Writing in his paper, Dr Borowski said: 'The analysis presented here indicates transit time reductions as much as 50 per cent are possible.'



Nasa first began researching nuclear thermal rockets as part of its Nuclear Engine for Rocket Vehicle Application (NERVA) programme in 1959.






The most powerful nuclear rocket engine ever tested was the Phoebus 2a, which was fired for 32 minutes in Nevada in 1968 as can be seen in the photo above


Nasa has been using nuclear material to power spacecraft for decades.
In 1960 a satellite programme called TRANSIT, used to guide missiles from space, was the first to use plutonium isotopes to create batteries.
These work by wrapping the plutonium with thermoelectrics, that turn the heat given off by the decaying isotope into electricity.
Nasa also used plutonium batteries on its failed Nimbus B1 satellite, which blew up on launch.
In 1972 and 1973 Nasa then launched its Pioneer space probes, which used 155-watt nuclear batteries to keep them powered as they travelled to the very edge of the solar system.
The Viking landers, which touched down on Mars for the first time in 1976, also used plutonium batteries to power their experiments.
The Voyager probes, which have become the first manmade objects to leave the solar system, also relied upon three plutonium-238 batteries that have allowed them to communicate with Earth for 36 years.
The Ulysses sun probe also used a nuclear battery to keep the spacecraft operating while it performed a slingshot around Jupiter.
The Galileo spaceprobe to Jupiter's moons also used two nuclear batteries to give it 570 watts of power.
The Cassini space probe to Saturn carried the largest nuclear battery every launched, weighing 72lbs.
In 1959, Nasa began work with the US Atomic Energy Commission to develop a nuclear powered rocket to carry astronauts into space, but the project was ended in 1973 at the same time as the Apollo space missions.


----------



## FordGT90Concept (Mar 17, 2016)

Mmmm, plasma.  A novel approach but it is ulitimately limited by how much hydrogen it can carry.  Also, the fission reactor makes manned missions a problem because they have to be shielded.

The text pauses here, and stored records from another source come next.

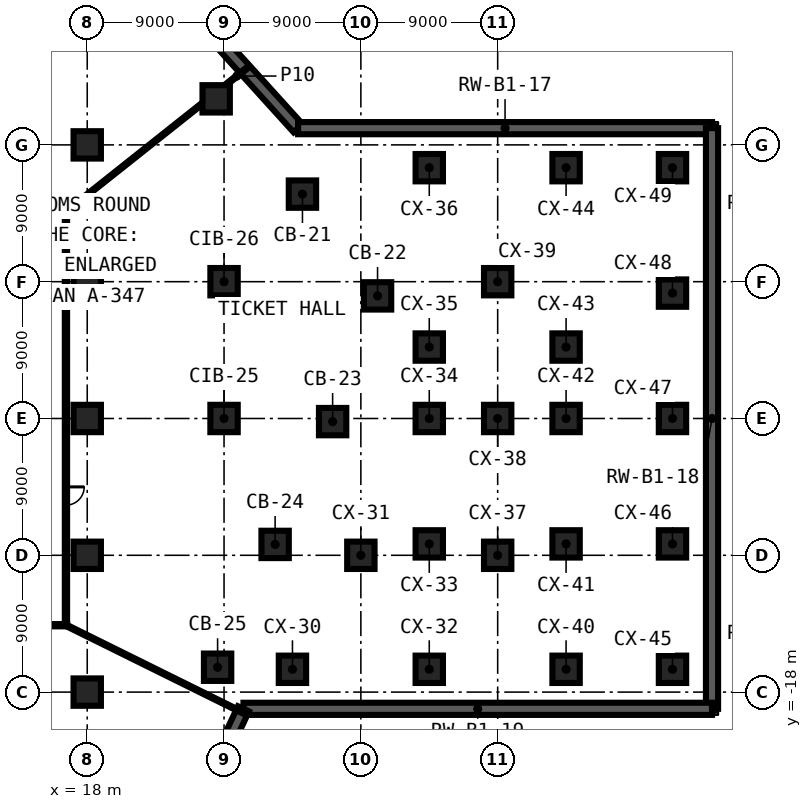
"""IFC4 building model, lengths in metres.
Left out: names, types, materials, properties, quantities, classifications, styles, units other than length and angle.
Written with IfcOpenShell. Run it as: python <this file> out.ifc"""

import sys

from ifc_helpers import new_model, si_unit, direction, frame, frame_2d, origin, origin_2d, place, context, subcontext, project, spatial, rectangle, extrude, element, fill, save


model = new_model("IFC4")
c1 = context("Model", 3, precision=1e-05, world=origin(), true_north=direction((0.0, 1.0)))
c2 = subcontext(c1, "Body", "Model", "MODEL_VIEW")
j1 = project(units=[si_unit("LENGTHUNIT", "METRE"), si_unit("PLANEANGLEUNIT", "RADIAN")], contexts=[c1])
p1 = place(None, origin())
s1 = spatial("IfcSite", under=j1, at=p1, CompositionType="ELEMENT")
p2 = place(p1, origin())
s2 = spatial("IfcBuilding", under=s1, at=p2, CompositionType="ELEMENT")
p3 = place(p2, frame((0.0, 0.0, -6.0)))
s3 = spatial("IfcBuildingStorey", under=s2, at=p3, CompositionType="ELEMENT", Elevation=-6.0)
for number, where, z_axis, x_axis in (
    (1, (26.482, 21.029, 0.0), (0.0, 0.0, 1.0), (1.0, 0.0, 0.0)),
    (2, (32.158, 14.761, 0.0), (0.0, 0.0, 1.0), (1.0, 0.0, 0.0)),
    (3, (37.098, 8.066, 0.0), (0.0, 0.0, 1.0), (1.0, 0.0, 0.0)),
    (4, (34.143, -0.205, 0.0), (0.0, 0.0, 1.0), (1.0, 0.0, 0.0)),
    (5, (30.36, -8.284, 0.0), (0.0, 0.0, 1.0), (1.0, 0.0, 0.0)),
    (6, (26.576, -16.364, 0.0), (0.0, 0.0, 1.0), (1.0, 0.0, 0.0)),
    (7, (18.0, -18.0, 0.0), (0.0, 0.0, 1.0), (1.0, 0.0, 0.0)),
    (8, (18.0, -9.0, 0.0), (0.0, 0.0, 1.0), (1.0, 0.0, 0.0)),
    (9, (18.0, 0.0, 0.0), (0.0, 0.0, 1.0), (1.0, 0.0, 0.0)),
    (10, (18.0, 9.0, 0.0), (0.0, 0.0, 1.0), (1.0, 0.0, 0.0)),
    (11, (18.0, 18.0, 0.0), (0.0, 0.0, 1.0), (1.0, 0.0, 0.0)),
    (12, (27.0, 0.0, 0.0), (0.0, 0.0, 1.0), (1.0, 0.0, 0.0)),
    (13, (27.0, 9.0, 0.0), (0.0, 0.0, 1.0), (1.0, 0.0, 0.0)),
    (14, (31.5, -16.5, 0.0), (0.0, 0.0, 1.0), (1.0, 0.0, 0.0)),
    (15, (36.0, -9.0, 0.0), (0.0, 0.0, 1.0), (1.0, 0.0, 0.0)),
    (16, (40.5, -16.5, 0.0), (0.0, 0.0, 1.0), (1.0, 0.0, 0.0)),
    (17, (40.5, -8.25, 0.0), (0.0, 0.0, 1.0), (1.0, 0.0, 0.0)),
    (18, (40.5, 0.0, 0.0), (0.0, 0.0, 1.0), (1.0, 0.0, 0.0)),
    (19, (40.5, 4.7, 0.0), (0.0, 0.0, 1.0), (1.0, 0.0, 0.0)),
    (20, (40.5, 16.5, 0.0), (0.0, 0.0, 1.0), (1.0, 0.0, 0.0)),
    (21, (45.0, -9.0, 0.0), (0.0, 0.0, 1.0), (1.0, 0.0, 0.0)),
    (22, (45.0, 0.0, 0.0), (0.0, 0.0, 1.0), (1.0, 0.0, 0.0)),
    (23, (45.0, 9.0, 0.0), (0.0, 0.0, 1.0), (1.0, 0.0, 0.0)),
    (24, (49.5, -16.5, 0.0), (0.0, 0.0, 1.0), (1.0, 0.0, 0.0)),
    (25, (49.5, -8.25, 0.0), (0.0, 0.0, 1.0), (1.0, 0.0, 0.0)),
    (26, (49.5, 0.0, 0.0), (0.0, 0.0, 1.0), (1.0, 0.0, 0.0)),
    (27, (49.5, 4.7, 0.0), (0.0, 0.0, 1.0), (1.0, 0.0, 0.0)),
    (28, (49.5, 16.5, 0.0), (0.0, 0.0, 1.0), (1.0, 0.0, 0.0)),
    (29, (56.5, -16.5, 0.0), (0.0, 0.0, 1.0), (1.0, 0.0, 0.0)),
    (30, (56.5, -8.25, 0.0), (0.0, 0.0, 1.0), (1.0, 0.0, 0.0)),
    (31, (56.5, 0.0, 0.0), (0.0, 0.0, 1.0), (1.0, 0.0, 0.0)),
    (32, (56.5, 8.25, 0.0), (0.0, 0.0, 1.0), (1.0, 0.0, 0.0)),
    (33, (56.5, 16.5, 0.0), (0.0, 0.0, 1.0), (1.0, 0.0, 0.0)),
):
    element("IfcColumn", number, at=place(p3, frame(where, z_axis=z_axis, x_axis=x_axis)), inside=s3, PredefinedType="COLUMN", context=c2, shape_type="SweptSolid", body=[
        extrude(rectangle(XDim=1.8, YDim=1.8, at=origin_2d()), origin(), (0.0, 0.0, 1.0), 5.55),
    ])
p4 = place(p3, frame((18.357, 34.022, 0.0), z_axis=(0.0, 0.0, 1.0), x_axis=(0.671253662178, -0.741227711983, 0.0)))
e34 = element("IfcWall", 34, at=p4, inside=s3, PredefinedType="SHEAR", context=c2, shape_type="SweptSolid", body=[
    extrude(rectangle(XDim=20.132, YDim=0.8, at=frame_2d((10.066, 0.0))), origin(), (0.0, 0.0, 1.0), 5.55),
])
p5 = place(p3, frame((31.871, 19.1, 0.0), z_axis=(0.0, 0.0, 1.0), x_axis=(1.0, 0.0, 0.0)))
e35 = element("IfcWall", 35, at=p5, inside=s3, PredefinedType="SHEAR", context=c2, shape_type="SweptSolid", body=[
    extrude(rectangle(XDim=27.229, YDim=0.8, at=frame_2d((13.615, 0.0))), origin(), (0.0, 0.0, 1.0), 5.55),
])
p6 = place(p3, frame((59.1, 19.1, 0.0), z_axis=(0.0, 0.0, 1.0), x_axis=(0.0, -1.0, 0.0)))
e36 = element("IfcWall", 36, at=p6, inside=s3, PredefinedType="SHEAR", context=c2, shape_type="SweptSolid", body=[
    extrude(rectangle(XDim=38.2, YDim=0.8, at=frame_2d((19.1, 0.0))), origin(), (0.0, 0.0, 1.0), 5.55),
])
p7 = place(p3, frame((59.1, -19.1, 0.0), z_axis=(0.0, 0.0, 1.0), x_axis=(-1.0, 0.0, 0.0)))
e37 = element("IfcWall", 37, at=p7, inside=s3, PredefinedType="SHEAR", context=c2, shape_type="SweptSolid", body=[
    extrude(rectangle(XDim=30.824, YDim=0.8, at=frame_2d((15.412, 0.0))), origin(), (0.0, 0.0, 1.0), 5.55),
])
p8 = place(p3, frame((28.276, -19.1, 0.0), z_axis=(0.0, 0.0, 1.0), x_axis=(-0.42412057434, -0.905605730118, 0.0)))
e38 = element("IfcWall", 38, at=p8, inside=s3, PredefinedType="SHEAR", context=c2, shape_type="SweptSolid", body=[
    extrude(rectangle(XDim=13.717, YDim=0.8, at=frame_2d((6.858, 0.0))), origin(), (0.0, 0.0, 1.0), 5.55),
])
p9 = place(p3, frame((16.675, -13.6, 0.0), z_axis=(0.0, 0.0, 1.0), x_axis=(-1.0, 0.0, 0.0)))
e39 = element("IfcWall", 39, at=p9, inside=s3, PredefinedType="PARTITIONING", context=c2, shape_type="SweptSolid", body=[
    extrude(rectangle(XDim=33.35, YDim=0.15, at=frame_2d((16.675, 0.0))), origin(), (0.0, 0.0, 1.0), 5.55),
])
p10 = place(p9, frame((27.775, 0.0, 0.0)))
e40 = element("IfcOpeningElement", 40, at=p10, cuts=e39, PredefinedType="OPENING", context=c2, shape_type="SweptSolid", body=[
    extrude(rectangle(XDim=1.8, YDim=2.4, at=frame_2d((0.9, 1.2))), frame((0.0, 0.085, 0.0), z_axis=(0.0, -1.0, 0.0), x_axis=(1.0, 0.0, 0.0)), (0.0, 0.0, 1.0), 0.17),
])
p11 = place(p9, frame((15.175, 0.0, 0.0)))
e41 = element("IfcOpeningElement", 41, at=p11, cuts=e39, PredefinedType="OPENING", context=c2, shape_type="SweptSolid", body=[
    extrude(rectangle(XDim=1.2, YDim=2.1, at=frame_2d((0.6, 1.05))), frame((0.0, 0.085, 0.0), z_axis=(0.0, -1.0, 0.0), x_axis=(1.0, 0.0, 0.0)), (0.0, 0.0, 1.0), 0.17),
])
p12 = place(p9, frame((3.025, 0.0, 0.0)))
e42 = element("IfcOpeningElement", 42, at=p12, cuts=e39, PredefinedType="OPENING", context=c2, shape_type="SweptSolid", body=[
    extrude(rectangle(XDim=1.2, YDim=2.1, at=frame_2d((0.6, 1.05))), frame((0.0, 0.085, 0.0), z_axis=(0.0, -1.0, 0.0), x_axis=(1.0, 0.0, 0.0)), (0.0, 0.0, 1.0), 0.17),
])
p13 = place(p3, frame((-16.675, 13.6, 0.0), z_axis=(0.0, 0.0, 1.0), x_axis=(1.0, 0.0, 0.0)))
e43 = element("IfcWall", 43, at=p13, inside=s3, PredefinedType="PARTITIONING", context=c2, shape_type="SweptSolid", body=[
    extrude(rectangle(XDim=33.35, YDim=0.15, at=frame_2d((16.675, 0.0))), origin(), (0.0, 0.0, 1.0), 5.55),
])
p14 = place(p13, frame((27.642, 0.0, 0.0)))
e44 = element("IfcOpeningElement", 44, at=p14, cuts=e43, PredefinedType="OPENING", context=c2, shape_type="SweptSolid", body=[
    extrude(rectangle(XDim=1.2, YDim=2.1, at=frame_2d((0.6, 1.05))), frame((0.0, 0.085, 0.0), z_axis=(0.0, -1.0, 0.0), x_axis=(1.0, 0.0, 0.0)), (0.0, 0.0, 1.0), 0.17),
])
p15 = place(p13, frame((19.317, 0.0, 0.0)))
e45 = element("IfcOpeningElement", 45, at=p15, cuts=e43, PredefinedType="OPENING", context=c2, shape_type="SweptSolid", body=[
    extrude(rectangle(XDim=1.2, YDim=2.1, at=frame_2d((0.6, 1.05))), frame((0.0, 0.085, 0.0), z_axis=(0.0, -1.0, 0.0), x_axis=(1.0, 0.0, 0.0)), (0.0, 0.0, 1.0), 0.17),
])
p16 = place(p13, frame((9.587, 0.0, 0.0)))
e46 = element("IfcOpeningElement", 46, at=p16, cuts=e43, PredefinedType="OPENING", context=c2, shape_type="SweptSolid", body=[
    extrude(rectangle(XDim=1.2, YDim=2.1, at=frame_2d((0.6, 1.05))), frame((0.0, 0.085, 0.0), z_axis=(0.0, -1.0, 0.0), x_axis=(1.0, 0.0, 0.0)), (0.0, 0.0, 1.0), 0.17),
])
p17 = place(p13, frame((2.099, 0.0, 0.0)))
e47 = element("IfcOpeningElement", 47, at=p17, cuts=e43, PredefinedType="OPENING", context=c2, shape_type="SweptSolid", body=[
    extrude(rectangle(XDim=1.2, YDim=2.1, at=frame_2d((0.6, 1.05))), frame((0.0, 0.085, 0.0), z_axis=(0.0, -1.0, 0.0), x_axis=(1.0, 0.0, 0.0)), (0.0, 0.0, 1.0), 0.17),
])
p18 = place(p3, frame((16.6, 13.6, 0.0), z_axis=(0.0, 0.0, 1.0), x_axis=(0.783150180029, 0.621832610531, 0.0)))
e48 = element("IfcWall", 48, at=p18, inside=s3, PredefinedType="PARTITIONING", context=c2, shape_type="SweptSolid", body=[
    extrude(rectangle(XDim=11.469, YDim=0.1, at=frame_2d((5.734, 0.0))), origin(), (0.0, 0.0, 1.0), 5.55),
])
p19 = place(p3, frame((27.091, 21.929, 0.0), z_axis=(0.0, 0.0, 1.0), x_axis=(0.783148932994, 0.621834181073, 0.0)))
e49 = element("IfcWall", 49, at=p19, inside=s3, PredefinedType="PARTITIONING", context=c2, shape_type="SweptSolid", body=[
    extrude(rectangle(XDim=1.928, YDim=0.1, at=frame_2d((0.964, 0.0))), origin(), (0.0, 0.0, 1.0), 5.55),
])
p20 = place(p3, frame((16.6, 13.525, 0.0), z_axis=(0.0, 0.0, 1.0), x_axis=(0.0, -1.0, 0.0)))
e50 = element("IfcWall", 50, at=p20, inside=s3, PredefinedType="PARTITIONING", context=c2, shape_type="SweptSolid", body=[
    extrude(rectangle(XDim=27.05, YDim=0.15, at=frame_2d((13.525, 0.0))), origin(), (0.0, 0.0, 1.0), 5.55),
])
p21 = place(p20, frame((18.025, 0.0, 0.0)))
e51 = element("IfcOpeningElement", 51, at=p21, cuts=e50, PredefinedType="OPENING", context=c2, shape_type="SweptSolid", body=[
    extrude(rectangle(XDim=1.2, YDim=2.1, at=frame_2d((0.6, 1.05))), frame((0.0, 0.085, 0.0), z_axis=(0.0, -1.0, 0.0), x_axis=(1.0, 0.0, 0.0)), (0.0, 0.0, 1.0), 0.17),
])
p22 = place(p3, frame((16.6, -13.6, 0.0), z_axis=(0.0, 0.0, 1.0), x_axis=(0.896402741042, -0.443240483093, 0.0)))
e52 = element("IfcWall", 52, at=p22, inside=s3, PredefinedType="PARTITIONING", context=c2, shape_type="SweptSolid", body=[
    extrude(rectangle(XDim=13.189, YDim=0.1, at=frame_2d((6.595, 0.0))), origin(), (0.0, 0.0, 1.0), 5.55),
])
p23 = place(p21, origin())
e53 = element("IfcDoor", 53, at=p23, inside=s3, OperationType="SINGLE_SWING_RIGHT", PredefinedType="DOOR", context=c2, shape_type="SweptSolid", body=[
    extrude(rectangle(XDim=1.2, YDim=2.1, at=frame_2d((0.6, 1.05))), frame((0.0, 0.025, 0.0), z_axis=(0.0, -1.0, 0.0), x_axis=(1.0, 0.0, 0.0)), (0.0, 0.0, 1.0), 0.05),
])
fill(e51, e53)
save(model, sys.argv[1])

I'm surprised NASA allowed themselves to get so far behind Russia in this area.


----------



## Caring1 (Mar 17, 2016)

CAPSLOCKSTUCK said:


> Russia currently has used over 30 fission reactors in space, the US has flown only one - the SNAP-10A (System for Nuclear Auxiliary Power) in 1965.


What happens in the event these Nuclear powered devices come crashing back down as space junk?


----------



## droopyRO (Mar 17, 2016)

They could burn up upon reentry ? don`t know what would happen to the nuclear material, they could redirect it towards Chernobil or Fukushima


----------



## Easy Rhino (Mar 17, 2016)

Caring1 said:


> What happens in the event these Nuclear powered devices come crashing back down as space junk?



duck and cover


----------



## Ebo (Mar 17, 2016)

just give the pilots a one way ticket, problem solved.


----------



## CAPSLOCKSTUCK (Mar 17, 2016)

*Nuclear Propulsion In Space (1968)*


----------



## GhostRyder (Mar 17, 2016)

I think the idea of this that sounds the most interesting is not only the time reduction, but the fact its not a one way trip.  That by itself is cool because then it would make travel and building settlements/space stations in the far reaches of space much more feasible.


----------



## DeathtoGnomes (Mar 17, 2016)

Sure...I'll take a little radiation with my cup of ozone, 2 sugar please.


----------



## Caring1 (Mar 18, 2016)

Ebo said:


> just give the pilots a one way ticket, problem solved.


Any volunteers want to live on Mars?


----------



## R-T-B (Mar 18, 2016)

Caring1 said:


> What happens in the event these Nuclear powered devices come crashing back down as space junk?



Hit it with another nuke.  I mean, it just kinda begs for it...


----------



## MIRTAZAPINE (Mar 18, 2016)

FordGT90Concept said:


> Mmmm, plasma.  A novel approach but it is ulitimately limited by how much hydrogen it can carry.  Also, the fission reactor makes manned missions a problem because they have to be shielded.
> 
> I'm surprised NASA allowed themselves to get so far behind Russia in this area.



If I recalled right nasa do planned a nuclear power spaceship it is called "project orion". It don't use plasma though The plan is to use time nuclear detonations to propel the ship.


----------



## CAPSLOCKSTUCK (Mar 18, 2016)

MIRTAZAPINE said:


> If I recalled right nasa do planned a nuclear power spaceship it is called "project orion". It don't use plasma though The plan is to use time nuclear detonations to propel the ship.


----------



## GhostRyder (Mar 18, 2016)

R-T-B said:


> Hit it with another nuke.  I mean, it just kinda begs for it...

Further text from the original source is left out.